Still, life has shown up to surprise scientists in other seemingly unviable areas. In early 2021, a team was drilling through the ice for sediment from the ocean floor. Into the hole, they lowered a camera, which hit a rock and fell into the sediment. After righting itself, the camera caught a brief scan of the rock. The shocking footage captured a sort of film clinging to the rocks—a layer of bacteria called a microbial mat—and hanging from the stone were sponges and other filter feeders.

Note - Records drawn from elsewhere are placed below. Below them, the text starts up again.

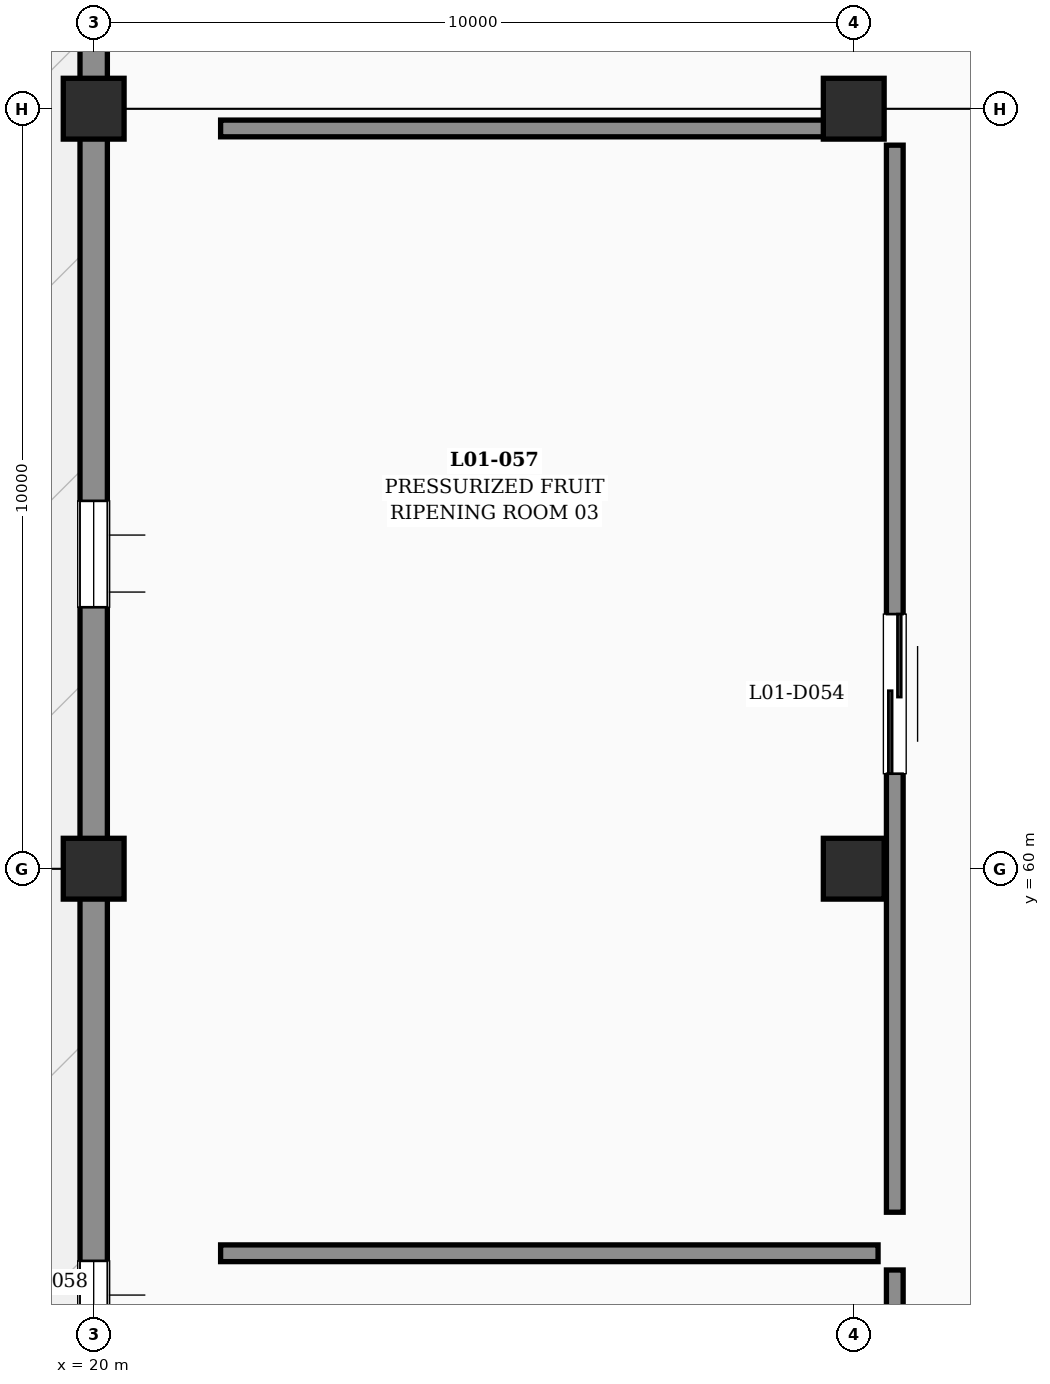
"""IFC4 building model, lengths in metres.
Left out: names, types, materials, properties, quantities, classifications, styles, units other than length and angle.
Written with IfcOpenShell. Run it as: python <this file> out.ifc"""

import sys

from ifc_helpers import new_model, si_unit, direction, frame, frame_2d, origin, origin_2d, place, context, subcontext, project, spatial, rectangle, extrude, element, fill, save


model = new_model("IFC4")
c1 = context("Model", 3, precision=1e-05, world=origin(), true_north=direction((0.0, 1.0)))
c2 = subcontext(c1, "Body", "Model", "MODEL_VIEW")
j1 = project(units=[si_unit("LENGTHUNIT", "METRE"), si_unit("PLANEANGLEUNIT", "RADIAN")], contexts=[c1])
p1 = place(None, origin())
s1 = spatial("IfcSite", under=j1, at=p1, CompositionType="ELEMENT")
p2 = place(p1, origin())
s2 = spatial("IfcBuilding", under=s1, at=p2, CompositionType="ELEMENT")
p3 = place(p2, frame((0.0, 0.0, 6.0)))
s3 = spatial("IfcBuildingStorey", under=s2, at=p3, CompositionType="ELEMENT", Elevation=6.0)
for number, where, z_axis, x_axis in (
    (1, (20.0, 60.0, 0.0), (0.0, 0.0, 1.0), (1.0, 0.0, 0.0)),
    (2, (20.0, 70.0, 0.0), (0.0, 0.0, 1.0), (1.0, 0.0, 0.0)),
    (3, (30.0, 60.0, 0.0), (0.0, 0.0, 1.0), (1.0, 0.0, 0.0)),
    (4, (30.0, 70.0, 0.0), (0.0, 0.0, 1.0), (1.0, 0.0, 0.0)),
):
    element("IfcColumn", number, at=place(p3, frame(where, z_axis=z_axis, x_axis=x_axis)), inside=s3, PredefinedType="COLUMN", context=c2, shape_type="SweptSolid", body=[
        extrude(rectangle(XDim=0.8, YDim=0.8, at=origin_2d()), origin(), (0.0, 0.0, 1.0), 4.8),
    ])
p4 = place(p3, frame((20.0, 50.24, 0.0), z_axis=(0.0, 0.0, 1.0), x_axis=(0.0, 1.0, 0.0)))
e5 = element("IfcWall", 5, at=p4, inside=s3, PredefinedType="SOLIDWALL", context=c2, shape_type="SweptSolid", body=[
    extrude(rectangle(XDim=9.52, YDim=0.36, at=frame_2d((4.76, 0.0))), origin(), (0.0, 0.0, 1.0), 3.61),
])
p5 = place(p4, frame((3.2, 0.0, 1.2)))
e6 = element("IfcOpeningElement", 6, at=p5, cuts=e5, PredefinedType="OPENING", context=c2, shape_type="SweptSolid", body=[
    extrude(rectangle(XDim=1.4, YDim=1.35, at=frame_2d((0.7, 0.675))), frame((0.0, 0.19, 0.0), z_axis=(0.0, -1.0, 0.0), x_axis=(1.0, 0.0, 0.0)), (0.0, 0.0, 1.0), 0.38),
])
p6 = place(p3, frame((20.0, 60.24, 0.0), z_axis=(0.0, 0.0, 1.0), x_axis=(0.0, 1.0, 0.0)))
e7 = element("IfcWall", 7, at=p6, inside=s3, PredefinedType="SOLIDWALL", context=c2, shape_type="SweptSolid", body=[
    extrude(rectangle(XDim=9.52, YDim=0.36, at=frame_2d((4.76, 0.0))), origin(), (0.0, 0.0, 1.0), 3.61),
])
p7 = place(p6, frame((3.2, 0.0, 1.2)))
e8 = element("IfcOpeningElement", 8, at=p7, cuts=e7, PredefinedType="OPENING", context=c2, shape_type="SweptSolid", body=[
    extrude(rectangle(XDim=1.4, YDim=1.35, at=frame_2d((0.7, 0.675))), frame((0.0, 0.19, 0.0), z_axis=(0.0, -1.0, 0.0), x_axis=(1.0, 0.0, 0.0)), (0.0, 0.0, 1.0), 0.38),
])
p8 = place(p3, frame((20.0, 70.24, 0.0), z_axis=(0.0, 0.0, 1.0), x_axis=(0.0, 1.0, 0.0)))
e9 = element("IfcWall", 9, at=p8, inside=s3, PredefinedType="SOLIDWALL", context=c2, shape_type="SweptSolid", body=[
    extrude(rectangle(XDim=9.52, YDim=0.36, at=frame_2d((4.76, 0.0))), origin(), (0.0, 0.0, 1.0), 3.61),
])
p9 = place(p8, frame((3.2, 0.0, 1.2)))
e10 = element("IfcOpeningElement", 10, at=p9, cuts=e9, PredefinedType="OPENING", context=c2, shape_type="SweptSolid", body=[
    extrude(rectangle(XDim=1.4, YDim=1.35, at=frame_2d((0.7, 0.675))), frame((0.0, 0.19, 0.0), z_axis=(0.0, -1.0, 0.0), x_axis=(1.0, 0.0, 0.0)), (0.0, 0.0, 1.0), 0.38),
])
p10 = place(p3, frame((21.67, 54.94, 0.0), z_axis=(0.0, 0.0, 1.0), x_axis=(1.0, 0.0, 0.0)))
e11 = element("IfcWall", 11, at=p10, inside=s3, PredefinedType="PARTITIONING", context=c2, shape_type="SweptSolid", body=[
    extrude(rectangle(XDim=8.65, YDim=0.22, at=frame_2d((4.325, 0.0))), origin(), (0.0, 0.0, 1.0), 3.51),
])
p11 = place(p3, frame((30.54, 54.72, 0.0), z_axis=(0.0, 0.0, 1.0), x_axis=(0.0, -1.0, 0.0)))
e12 = element("IfcWall", 12, at=p11, inside=s3, PredefinedType="PARTITIONING", context=c2, shape_type="SweptSolid", body=[
    extrude(rectangle(XDim=14.24, YDim=0.22, at=frame_2d((7.12, 0.0))), origin(), (0.0, 0.0, 1.0), 3.51),
])
p12 = place(p11, frame((6.27, 0.0, 0.0)))
e13 = element("IfcOpeningElement", 13, at=p12, cuts=e12, PredefinedType="OPENING", context=c2, shape_type="SweptSolid", body=[
    extrude(rectangle(XDim=2.1, YDim=2.4, at=frame_2d((1.05, 1.2))), frame((0.0, 0.12, 0.0), z_axis=(0.0, -1.0, 0.0), x_axis=(1.0, 0.0, 0.0)), (0.0, 0.0, 1.0), 0.24),
])
p13 = place(p3, frame((21.67, 69.74, 0.0), z_axis=(0.0, 0.0, 1.0), x_axis=(1.0, 0.0, 0.0)))
e14 = element("IfcWall", 14, at=p13, inside=s3, PredefinedType="PARTITIONING", context=c2, shape_type="SweptSolid", body=[
    extrude(rectangle(XDim=8.65, YDim=0.22, at=frame_2d((4.325, 0.0))), origin(), (0.0, 0.0, 1.0), 3.51),
])
p14 = place(p3, frame((30.54, 69.52, 0.0), z_axis=(0.0, 0.0, 1.0), x_axis=(0.0, -1.0, 0.0)))
e15 = element("IfcWall", 15, at=p14, inside=s3, PredefinedType="PARTITIONING", context=c2, shape_type="SweptSolid", body=[
    extrude(rectangle(XDim=14.04, YDim=0.22, at=frame_2d((7.02, 0.0))), origin(), (0.0, 0.0, 1.0), 3.51),
])
p15 = place(p14, frame((6.17, 0.0, 0.0)))
e16 = element("IfcOpeningElement", 16, at=p15, cuts=e15, PredefinedType="OPENING", context=c2, shape_type="SweptSolid", body=[
    extrude(rectangle(XDim=2.1, YDim=2.4, at=frame_2d((1.05, 1.2))), frame((0.0, 0.12, 0.0), z_axis=(0.0, -1.0, 0.0), x_axis=(1.0, 0.0, 0.0)), (0.0, 0.0, 1.0), 0.24),
])
p16 = place(p5, origin())
e17 = element("IfcWindow", 17, at=p16, inside=s3, PartitioningType="SINGLE_PANEL", PredefinedType="WINDOW", context=c2, shape_type="SweptSolid", body=[
    extrude(rectangle(XDim=1.4, YDim=1.35, at=frame_2d((0.7, 0.675))), frame((0.0, 0.03, 0.0), z_axis=(0.0, -1.0, 0.0), x_axis=(1.0, 0.0, 0.0)), (0.0, 0.0, 1.0), 0.06),
])
fill(e6, e17)
p17 = place(p7, origin())
e18 = element("IfcWindow", 18, at=p17, inside=s3, PartitioningType="SINGLE_PANEL", PredefinedType="WINDOW", context=c2, shape_type="SweptSolid", body=[
    extrude(rectangle(XDim=1.4, YDim=1.35, at=frame_2d((0.7, 0.675))), frame((0.0, 0.03, 0.0), z_axis=(0.0, -1.0, 0.0), x_axis=(1.0, 0.0, 0.0)), (0.0, 0.0, 1.0), 0.06),
])
fill(e8, e18)
p18 = place(p15, origin())
e19 = element("IfcDoor", 19, at=p18, inside=s3, OperationType="DOUBLE_DOOR_SLIDING", PredefinedType="DOOR", context=c2, shape_type="SweptSolid", body=[
    extrude(rectangle(XDim=2.1, YDim=2.4, at=frame_2d((1.05, 1.2))), frame((0.0, 0.025, 0.0), z_axis=(0.0, -1.0, 0.0), x_axis=(1.0, 0.0, 0.0)), (0.0, 0.0, 1.0), 0.05),
])
fill(e16, e19)
save(model, sys.argv[1])

These creatures were 160 miles from the nearest open water and over 1,600 feet beneath the ice, far away from sunlight and known currents that would bring food drifting along for the stationary creatures to snag. “It’s a place where, essentially, we didn’t expect this kind of community to live at all,” said Huw Griffiths, a marine biogeographer. “This is showing us that life is more resilient, and more robust, than we ever could have expected, if it can put up with these conditions.”2
Evolutionists wonder at each new species and the evidence of life that they find hidden like treasures in the snow and ice. Creationists have a different reason to wonder. Life in Antarctica doesn’t exist by random chance survival. In his wisdom, God gave creatures and humans the DNA to adapt to different environments even in the tumultuous and severe environments left in the wake of the flood of judgment.
The wonder of God’s creation does not necessitate our discovery of it. God created this world for his own glory. But our Creator is pleased when we exercise dominion by expanding our knowledge and discovery of the planet that he gave us to steward. Being flabbergasted by each new find can be a form of worship as we accept our limits of understanding and acknowledge God’s incredible design and care for this earth.
God knows the galaxies beyond our farthest view and every microorganism that dwells in the deepest undiscovered Antarctic lake. He formed them, sees them, and provides for their existence—and for us—on this life-filled planet.
The frozen continent plays an important role in moderating our planet’s temperatures.
The world’s atmospheric pressure, humidity, air temperatures, and wind patterns are moderated thanks to processes in the Southern Ocean, which surrounds Antarctica. The Southern Ocean, newly recognized as the world’s fifth ocean, connects all other oceans. Cold Antarctic waters, known as Antarctic Bottom Water, form in the regions of Antarctica’s continental shelf. Due to their salinity and frigidity, these waters drive the global ocean circulation; feed oxygen, carbon, and nutrients to earth’s other oceans; and help control the climate by transporting heat.
Additionally, Antarctica stores 90% of earth’s ice. The ice reflects some of the sun’s rays to help keep temperatures on earth bearable.
God created the world to be inhabited, right down to the frozen continent at the bottom of the globe.